Gradient is NOT the direction that points to the minimum or maximum

Although the gradient vector is defined at every point, it is really a local concept.

At any given point, it tells you the direction in which the function changes with the greatest rate. If you think of the function as height, then it gives the direction in which the ground is steepest.

As soon as you move an inch, the ground changes and the steepest direction changes.

Instead of the black zig-zag, you need an integral curve of the gradient vector field.


The gradient $\nabla f(x)$ points in the direction $u$ such that the directional derivative $D_u f(x)$ is as large as possible. You probably walk downhill in the direction of steepest descent, despite the fact that the lowest point on earth is the Dead Sea and you are probably walking in completely the wrong direction to reach it.

Edit:

Maybe walking down a hill is not a perfect analogy because it makes it seem like the "direction of steepest descent" should be a vector in $\mathbb R^3$, with a $z$ component as well as $x$ and $y$ components.

Perhaps a better analogy is a bug walking on a hot (painfully hot!) sidewalk. The bug moves in the direction of steepest descent (the direction in which temperature decreases most quickly), but the bug does not realize that the coolest spot on the sidewalk is ten meters in the opposite direction, where there is shade. Hopefully in this analogy it's clear that the temperature is a function $f(x,y)$, and the direction of steepest descent is a vector with an $x$ component and a $y$ component, but no $z$ component.


Your black lines are not gradient lines at all. The gradient should be perpendicular to the contour lines at every point. Even in an ellipsoidal valley, the gradient will not point to the lowest point, but it will point much closer to it than your picture indicates.

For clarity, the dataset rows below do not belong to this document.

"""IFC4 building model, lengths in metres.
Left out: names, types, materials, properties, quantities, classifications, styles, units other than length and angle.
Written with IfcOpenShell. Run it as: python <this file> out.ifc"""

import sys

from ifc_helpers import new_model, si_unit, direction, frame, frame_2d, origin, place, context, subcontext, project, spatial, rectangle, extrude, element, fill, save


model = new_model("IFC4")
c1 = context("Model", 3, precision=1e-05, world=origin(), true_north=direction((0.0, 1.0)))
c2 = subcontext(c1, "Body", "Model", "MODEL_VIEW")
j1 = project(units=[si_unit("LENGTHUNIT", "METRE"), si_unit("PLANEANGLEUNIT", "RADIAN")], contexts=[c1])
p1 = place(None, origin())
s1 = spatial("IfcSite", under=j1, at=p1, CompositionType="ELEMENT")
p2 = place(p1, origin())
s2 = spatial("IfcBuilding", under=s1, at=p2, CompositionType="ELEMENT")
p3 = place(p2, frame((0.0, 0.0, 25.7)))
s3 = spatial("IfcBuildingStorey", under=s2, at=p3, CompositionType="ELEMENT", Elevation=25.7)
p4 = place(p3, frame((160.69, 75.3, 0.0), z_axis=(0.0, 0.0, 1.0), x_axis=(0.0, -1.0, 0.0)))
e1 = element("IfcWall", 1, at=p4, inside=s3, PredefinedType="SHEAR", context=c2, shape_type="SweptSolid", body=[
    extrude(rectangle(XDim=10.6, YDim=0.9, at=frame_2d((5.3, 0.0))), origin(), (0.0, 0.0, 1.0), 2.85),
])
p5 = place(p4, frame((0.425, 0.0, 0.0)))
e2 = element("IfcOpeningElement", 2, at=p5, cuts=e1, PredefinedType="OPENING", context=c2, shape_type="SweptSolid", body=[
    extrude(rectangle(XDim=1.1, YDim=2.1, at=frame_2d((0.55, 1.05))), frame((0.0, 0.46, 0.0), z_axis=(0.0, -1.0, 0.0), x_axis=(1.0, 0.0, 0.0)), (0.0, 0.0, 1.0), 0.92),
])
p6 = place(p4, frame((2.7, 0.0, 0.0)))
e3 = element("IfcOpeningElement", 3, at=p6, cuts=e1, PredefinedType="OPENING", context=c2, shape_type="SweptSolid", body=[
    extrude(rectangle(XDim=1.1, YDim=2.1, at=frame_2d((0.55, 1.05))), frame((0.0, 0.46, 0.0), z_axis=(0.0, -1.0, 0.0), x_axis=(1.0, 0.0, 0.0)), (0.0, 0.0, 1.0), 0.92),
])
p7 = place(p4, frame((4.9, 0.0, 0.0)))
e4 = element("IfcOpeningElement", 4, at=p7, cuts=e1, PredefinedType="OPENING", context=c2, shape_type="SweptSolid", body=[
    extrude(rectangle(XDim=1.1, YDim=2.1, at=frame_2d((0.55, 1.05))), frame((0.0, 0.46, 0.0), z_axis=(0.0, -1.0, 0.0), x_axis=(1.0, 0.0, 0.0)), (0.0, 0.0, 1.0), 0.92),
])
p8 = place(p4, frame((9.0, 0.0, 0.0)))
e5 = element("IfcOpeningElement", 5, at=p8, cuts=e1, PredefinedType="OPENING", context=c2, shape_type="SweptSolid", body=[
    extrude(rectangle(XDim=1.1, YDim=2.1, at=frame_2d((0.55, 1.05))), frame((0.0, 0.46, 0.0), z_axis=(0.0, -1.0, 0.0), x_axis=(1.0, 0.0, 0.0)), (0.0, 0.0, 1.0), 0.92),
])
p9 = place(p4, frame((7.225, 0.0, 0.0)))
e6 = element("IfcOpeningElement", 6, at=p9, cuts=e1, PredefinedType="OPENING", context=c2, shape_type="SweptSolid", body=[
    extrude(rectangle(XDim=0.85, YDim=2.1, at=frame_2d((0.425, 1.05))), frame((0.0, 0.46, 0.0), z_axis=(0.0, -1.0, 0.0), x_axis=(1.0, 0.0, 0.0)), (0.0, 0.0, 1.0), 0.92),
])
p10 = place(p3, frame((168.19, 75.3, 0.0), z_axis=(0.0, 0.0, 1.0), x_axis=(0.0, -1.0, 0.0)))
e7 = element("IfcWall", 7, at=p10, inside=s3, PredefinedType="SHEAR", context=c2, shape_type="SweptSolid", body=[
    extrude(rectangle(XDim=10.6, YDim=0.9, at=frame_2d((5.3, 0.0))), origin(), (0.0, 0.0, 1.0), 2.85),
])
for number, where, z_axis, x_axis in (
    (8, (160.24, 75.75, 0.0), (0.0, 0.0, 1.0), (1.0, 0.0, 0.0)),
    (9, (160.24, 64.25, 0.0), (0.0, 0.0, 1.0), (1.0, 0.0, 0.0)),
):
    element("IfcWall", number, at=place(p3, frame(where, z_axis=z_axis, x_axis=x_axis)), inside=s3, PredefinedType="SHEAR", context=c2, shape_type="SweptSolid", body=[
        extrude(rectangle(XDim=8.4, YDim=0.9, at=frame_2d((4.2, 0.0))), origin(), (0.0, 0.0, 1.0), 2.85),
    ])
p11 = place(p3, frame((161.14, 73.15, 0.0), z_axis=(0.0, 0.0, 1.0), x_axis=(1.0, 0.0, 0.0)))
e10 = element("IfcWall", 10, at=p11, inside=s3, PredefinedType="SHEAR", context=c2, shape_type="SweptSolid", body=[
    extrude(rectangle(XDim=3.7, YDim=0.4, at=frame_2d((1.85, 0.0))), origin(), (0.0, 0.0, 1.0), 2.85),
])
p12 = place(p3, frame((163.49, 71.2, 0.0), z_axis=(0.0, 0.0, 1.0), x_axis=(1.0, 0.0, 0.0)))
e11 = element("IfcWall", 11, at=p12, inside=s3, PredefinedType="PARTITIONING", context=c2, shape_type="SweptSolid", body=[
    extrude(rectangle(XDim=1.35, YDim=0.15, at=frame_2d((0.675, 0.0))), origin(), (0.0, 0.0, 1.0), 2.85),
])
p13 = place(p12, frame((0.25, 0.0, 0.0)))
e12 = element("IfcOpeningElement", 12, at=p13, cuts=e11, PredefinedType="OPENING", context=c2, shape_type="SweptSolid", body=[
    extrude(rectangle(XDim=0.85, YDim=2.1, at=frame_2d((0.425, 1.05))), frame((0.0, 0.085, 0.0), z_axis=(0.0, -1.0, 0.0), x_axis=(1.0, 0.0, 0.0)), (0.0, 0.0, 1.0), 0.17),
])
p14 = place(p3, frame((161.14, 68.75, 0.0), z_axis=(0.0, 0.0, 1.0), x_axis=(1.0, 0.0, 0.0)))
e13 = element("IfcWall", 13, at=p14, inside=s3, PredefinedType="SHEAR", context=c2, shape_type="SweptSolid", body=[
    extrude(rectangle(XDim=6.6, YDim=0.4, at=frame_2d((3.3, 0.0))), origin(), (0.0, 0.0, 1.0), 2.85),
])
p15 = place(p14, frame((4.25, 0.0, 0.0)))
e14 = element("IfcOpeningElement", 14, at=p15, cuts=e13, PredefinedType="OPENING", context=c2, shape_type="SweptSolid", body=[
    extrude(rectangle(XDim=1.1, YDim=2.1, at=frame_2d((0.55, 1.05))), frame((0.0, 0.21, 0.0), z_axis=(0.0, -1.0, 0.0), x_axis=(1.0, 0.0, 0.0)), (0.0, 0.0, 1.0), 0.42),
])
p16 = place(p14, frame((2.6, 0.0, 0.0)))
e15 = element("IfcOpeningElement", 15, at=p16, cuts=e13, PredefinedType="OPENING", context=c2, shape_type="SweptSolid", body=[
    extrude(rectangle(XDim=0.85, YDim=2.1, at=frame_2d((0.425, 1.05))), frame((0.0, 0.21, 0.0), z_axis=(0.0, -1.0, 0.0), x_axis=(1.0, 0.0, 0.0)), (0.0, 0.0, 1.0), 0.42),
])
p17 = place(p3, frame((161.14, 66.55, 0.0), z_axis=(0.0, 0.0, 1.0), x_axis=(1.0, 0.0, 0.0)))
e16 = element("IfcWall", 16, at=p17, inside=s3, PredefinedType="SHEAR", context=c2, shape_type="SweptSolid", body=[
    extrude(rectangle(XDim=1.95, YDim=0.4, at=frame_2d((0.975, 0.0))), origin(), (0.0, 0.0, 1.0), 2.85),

A function minimizer that follows the local gradient has to take a finite sized step in the direction of the gradient, then find the gradient at the new location to take the next step. Often evaluating the gradient is very expensive and you want to do it as few times as possible. One approach is then to follow the gradient from your current point as far as the function stops decreasing, then stop, evaluate the local gradient, and set off in that direction. If that is your strategy, each new direction will be at a right angle to the prior direction. If the new gradient were not perpendicular to the old direction of travel, you could decrease the function by moving farther or not so far in the old direction of travel. You only change direction when you are at a local minimum in the direction you are going.